Because the beaver isn't just an animal; it's an ecosystem!

Tag: Rick Marsi


Cheryl sent out our announcement for the beaver festival to exhibitors last night. We immediately had two confirmations! One from JoEllen Arnold of Nor-Cal bats, and the other from Alana Dill of face painting by Alana. Off to a good start, that always makes me happier.

(Plus a good start with actual beavers! Did you see the footage yesterday? Scroll down to view our new mascots.)

With all the commotion, I’ve been waiting for a space to talk about Rick Marsi’s latest column which ran as part of USA Today, intriguingly titled:

Great Outdoors: State of the swamp

So much for the State of the Union address. It is time for the State of the Swamp.

Loyal readers may remember I gave a State of the Swamp address some 15 years ago. The big news back then was beavers. They were everywhere, building dams, cutting trees, flooding roads, reproducing like crazy.

Much debate as to their worth ensued. Bipartisan rancor ran rampant. Pro-beaver forces saw good overshadowing evil. Our region’s influx of beavers had created countless new wetlands, they said. These wetlands, in turn, had created nesting habitat for mallards, wood ducks and other waterfowl.
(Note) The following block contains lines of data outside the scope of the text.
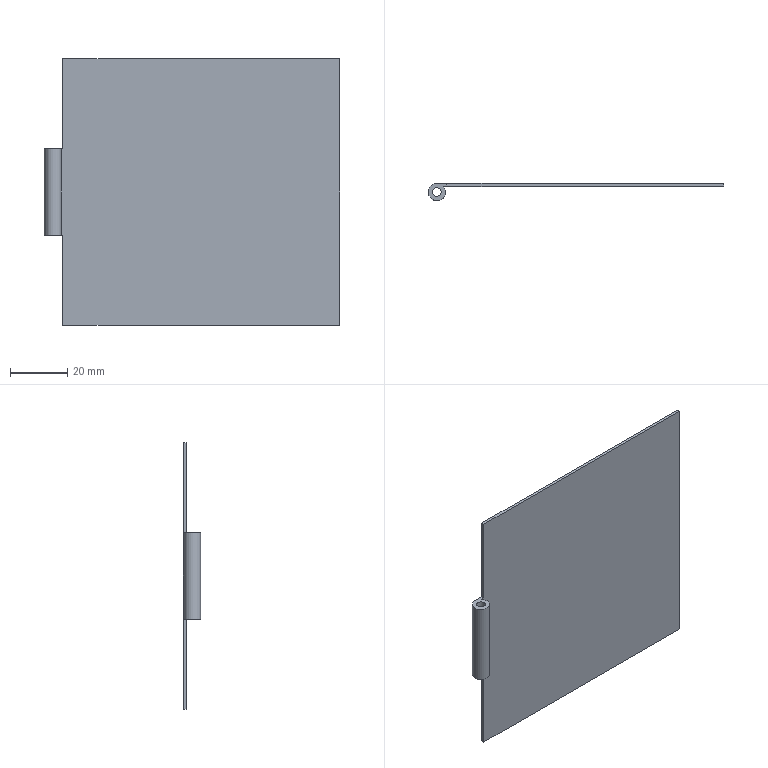Component | NX | PART_6 | 1 solid | 11 faces | box 103 x 6 x 93 mm | volume 9669 mm3 | plane 9 | cylinder 2 | commonest cylinder face diameters 6 x1 3 x1
STEP:
#1=CARTESIAN_POINT('',(0.,0.,0.));
#2=DIRECTION('',(0.,0.,1.));
#3=DIRECTION('',(1.,0.,0.));
#4=AXIS2_PLACEMENT_3D('',#1,#2,#3);
#5=CARTESIAN_POINT('',(-46.5,19.,65.));
#6=VERTEX_POINT('',#5);
#7=CARTESIAN_POINT('',(-46.5,19.,96.5));
#8=VERTEX_POINT('',#7);
#9=CARTESIAN_POINT('',(-46.5,19.,-0.));
#10=DIRECTION('',(0.,0.,1.));
#11=VECTOR('',#10,1.);
#12=LINE('',#9,#11);
#13=CARTESIAN_POINT('',(-50.,19.,-0.));
#14=DIRECTION('',(-0.,-1.,0.));
#15=DIRECTION('',(-1.,0.,0.));
#16=AXIS2_PLACEMENT_3D('',#13,#14,#15);
#17=PLANE('',#16);
#18=CARTESIAN_POINT('',(-3.5,0.));
#19=DIRECTION('',(0.,-1.));
#20=VECTOR('',#19,1.);
#21=LINE('',#18,#20);
#22=(GEOMETRIC_REPRESENTATION_CONTEXT(2)PARAMETRIC_REPRESENTATION_CONTEXT()REPRESENTATION_CONTEXT('',''));
#23=DEFINITIONAL_REPRESENTATION('',(#21),#22);
#24=PCURVE('',#17,#23);
#25=CARTESIAN_POINT('',(-46.5,18.5,82.75));
#26=DIRECTION('',(1.,0.,0.));
#27=DIRECTION('',(0.,0.,1.));
#28=AXIS2_PLACEMENT_3D('',#25,#26,#27);
#29=PLANE('',#28);
#30=CARTESIAN_POINT('',(-82.75,-0.5));
#31=DIRECTION('',(1.,0.));
#32=VECTOR('',#31,1.);
#33=LINE('',#30,#32);
#34=(GEOMETRIC_REPRESENTATION_CONTEXT(2)PARAMETRIC_REPRESENTATION_CONTEXT()REPRESENTATION_CONTEXT('',''));
#35=DEFINITIONAL_REPRESENTATION('',(#33),#34);
#36=PCURVE('',#29,#35);
#37=SURFACE_CURVE('',#12,(#24,#36),.PCURVE_S1.);
#38=EDGE_CURVE('',#6,#8,#37,.T.);
#39=ORIENTED_EDGE('',*,*,#38,.T.);
#40=CARTESIAN_POINT('',(50.,19.,96.5));
#41=VERTEX_POINT('',#40);
#42=CARTESIAN_POINT('',(-50.,19.,96.5));
#43=DIRECTION('',(1.,-0.,0.));
#44=VECTOR('',#43,1.);
#45=LINE('',#42,#44);
#46=CARTESIAN_POINT('',(0.,-96.5));
#47=DIRECTION('',(-1.,0.));
#48=VECTOR('',#47,1.);
#49=LINE('',#46,#48);
#50=(GEOMETRIC_REPRESENTATION_CONTEXT(2)PARAMETRIC_REPRESENTATION_CONTEXT()REPRESENTATION_CONTEXT('',''));
#51=DEFINITIONAL_REPRESENTATION('',(#49),#50);
#52=PCURVE('',#17,#51);
#53=CARTESIAN_POINT('',(50.5,18.5,96.5));
#54=DIRECTION('',(0.,0.,-1.));
#55=DIRECTION('',(1.,0.,0.));
#56=AXIS2_PLACEMENT_3D('',#53,#54,#55);
#57=PLANE('',#56);
#58=CARTESIAN_POINT('',(-100.5,-0.5));
#59=DIRECTION('',(1.,0.));
#60=VECTOR('',#59,1.);
#61=LINE('',#58,#60);
#62=(GEOMETRIC_REPRESENTATION_CONTEXT(2)PARAMETRIC_REPRESENTATION_CONTEXT()REPRESENTATION_CONTEXT('',''));
#63=DEFINITIONAL_REPRESENTATION('',(#61),#62);
#64=PCURVE('',#57,#63);
#65=SURFACE_CURVE('',#45,(#52,#64),.PCURVE_S1.);
#66=EDGE_CURVE('',#8,#41,#65,.T.);
#67=ORIENTED_EDGE('',*,*,#66,.T.);
#68=CARTESIAN_POINT('',(50.,19.,3.5));
#69=VERTEX_POINT('',#68);
#70=CARTESIAN_POINT('',(50.,19.,50.));
#71=DIRECTION('',(0.,0.,1.));
#72=VECTOR('',#71,1.);
#73=LINE('',#70,#72);
#74=CARTESIAN_POINT('',(-100.,-50.));
#75=DIRECTION('',(0.,-1.));
#76=VECTOR('',#75,1.);
#77=LINE('',#74,#76);
#78=(GEOMETRIC_REPRESENTATION_CONTEXT(2)PARAMETRIC_REPRESENTATION_CONTEXT()REPRESENTATION_CONTEXT('',''));
#79=DEFINITIONAL_REPRESENTATION('',(#77),#78);
#80=PCURVE('',#17,#79);
#81=CARTESIAN_POINT('',(50.,21.,50.));
#82=DIRECTION('',(-1.,0.,0.));
#83=DIRECTION('',(0.,-1.,0.));
#84=AXIS2_PLACEMENT_3D('',#81,#82,#83);
#85=PLANE('',#84);
#86=CARTESIAN_POINT('',(2.,0.));
#87=DIRECTION('',(0.,1.));
#88=VECTOR('',#87,1.);
#89=LINE('',#86,#88);
#90=(GEOMETRIC_REPRESENTATION_CONTEXT(2)PARAMETRIC_REPRESENTATION_CONTEXT()REPRESENTATION_CONTEXT('',''));
#91=DEFINITIONAL_REPRESENTATION('',(#89),#90);
#92=PCURVE('',#85,#91);
#93=SURFACE_CURVE('',#73,(#80,#92),.PCURVE_S1.);
#94=EDGE_CURVE('',#69,#41,#93,.T.);
#95=ORIENTED_EDGE('',*,*,#94,.F.);
#96=CARTESIAN_POINT('',(-46.5,19.,3.5));
#97=VERTEX_POINT('',#96);
#98=CARTESIAN_POINT('',(-50.,19.,3.5));
#99=DIRECTION('',(-1.,0.,0.));
#100=VECTOR('',#99,1.);
#101=LINE('',#98,#100);
#102=CARTESIAN_POINT('',(0.,-3.5));
#103=DIRECTION('',(1.,0.));
#104=VECTOR('',#103,1.);
#105=LINE('',#102,#104);
#106=(GEOMETRIC_REPRESENTATION_CONTEXT(2)PARAMETRIC_REPRESENTATION_CONTEXT()REPRESENTATION_CONTEXT('',''));
#107=DEFINITIONAL_REPRESENTATION('',(#105),#106);
#108=PCURVE('',#17,#107);
#109=CARTESIAN_POINT('',(50.5,18.5,3.5));
#110=DIRECTION('',(0.,0.,1.));
#111=DIRECTION('',(-1.,0.,0.));
#112=AXIS2_PLACEMENT_3D('',#109,#110,#111);
#113=PLANE('',#112);
#114=CARTESIAN_POINT('',(100.5,-0.5));
#115=DIRECTION('',(1.,-0.));
#116=VECTOR('',#115,1.);
#117=LINE('',#114,#116);
#118=(GEOMETRIC_REPRESENTATION_CONTEXT(2)PARAMETRIC_REPRESENTATION_CONTEXT()REPRESENTATION_CONTEXT('',''));
#119=DEFINITIONAL_REPRESENTATION('',(#117),#118);
#120=PCURVE('',#113,#119);
#121=SURFACE_CURVE('',#101,(#108,#120),.PCURVE_S1.);
#122=EDGE_CURVE('',#69,#97,#121,.T.);
#123=ORIENTED_EDGE('',*,*,#122,.T.);
#124=CARTESIAN_POINT('',(-46.5,19.,35.));
#125=VERTEX_POINT('',#124);
#126=CARTESIAN_POINT('',(-46.5,19.,-0.));
#127=DIRECTION('',(0.,0.,1.));
#128=VECTOR('',#127,1.);
#129=LINE('',#126,#128);
#130=CARTESIAN_POINT('',(-3.5,0.));
#131=DIRECTION('',(0.,-1.));
#132=VECTOR('',#131,1.);
#133=LINE('',#130,#132);
#134=(GEOMETRIC_REPRESENTATION_CONTEXT(2)PARAMETRIC_REPRESENTATION_CONTEXT()REPRESENTATION_CONTEXT('',''));
#135=DEFINITIONAL_REPRESENTATION('',(#133),#134);
#136=PCURVE('',#17,#135);
#137=CARTESIAN_POINT('',(-46.5,18.5,17.25));
#138=DIRECTION('',(1.,0.,0.));
#139=DIRECTION('',(0.,0.,1.));
#140=AXIS2_PLACEMENT_3D('',#137,#138,#139);
#141=PLANE('',#140);
#142=CARTESIAN_POINT('',(-17.25,-0.5));
#143=DIRECTION('',(1.,0.));
#144=VECTOR('',#143,1.);
#145=LINE('',#142,#144);
#146=(GEOMETRIC_REPRESENTATION_CONTEXT(2)PARAMETRIC_REPRESENTATION_CONTEXT()REPRESENTATION_CONTEXT('',''));
#147=DEFINITIONAL_REPRESENTATION('',(#145),#146);
#148=PCURVE('',#141,#147);
#149=SURFACE_CURVE('',#129,(#136,#148),.PCURVE_S1.);
#150=EDGE_CURVE('',#97,#125,#149,.T.);
#151=ORIENTED_EDGE('',*,*,#150,.T.);
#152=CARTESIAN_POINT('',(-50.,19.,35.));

Flooded trees had succumbed. Downy, hairy and pileated woodpeckers were chiseling nest holes from their decaying wood. Herons had benefited from all the new water created by beaver dams. Frog and dragonfly numbers had spiked, supporters insisted.

“Wetland, schmetland!” the other side shouted. All those beavers were cutting down trees in their yards, killing timber stands, clogging road culvert pipes with their clutter.

It was quite a debate. I stand here to report that it still rages in some quarters. While it does, beavers are holding their ground. Because of their presence, the state of the swamp remains good.

Pro-beaver forces! I like the way that sounds! A noisy debate over whether beavers are of value or a nuisance. That sounds like every day since this website first breathed it’s life 10+ years ago. I’m always interested in how the argument ends.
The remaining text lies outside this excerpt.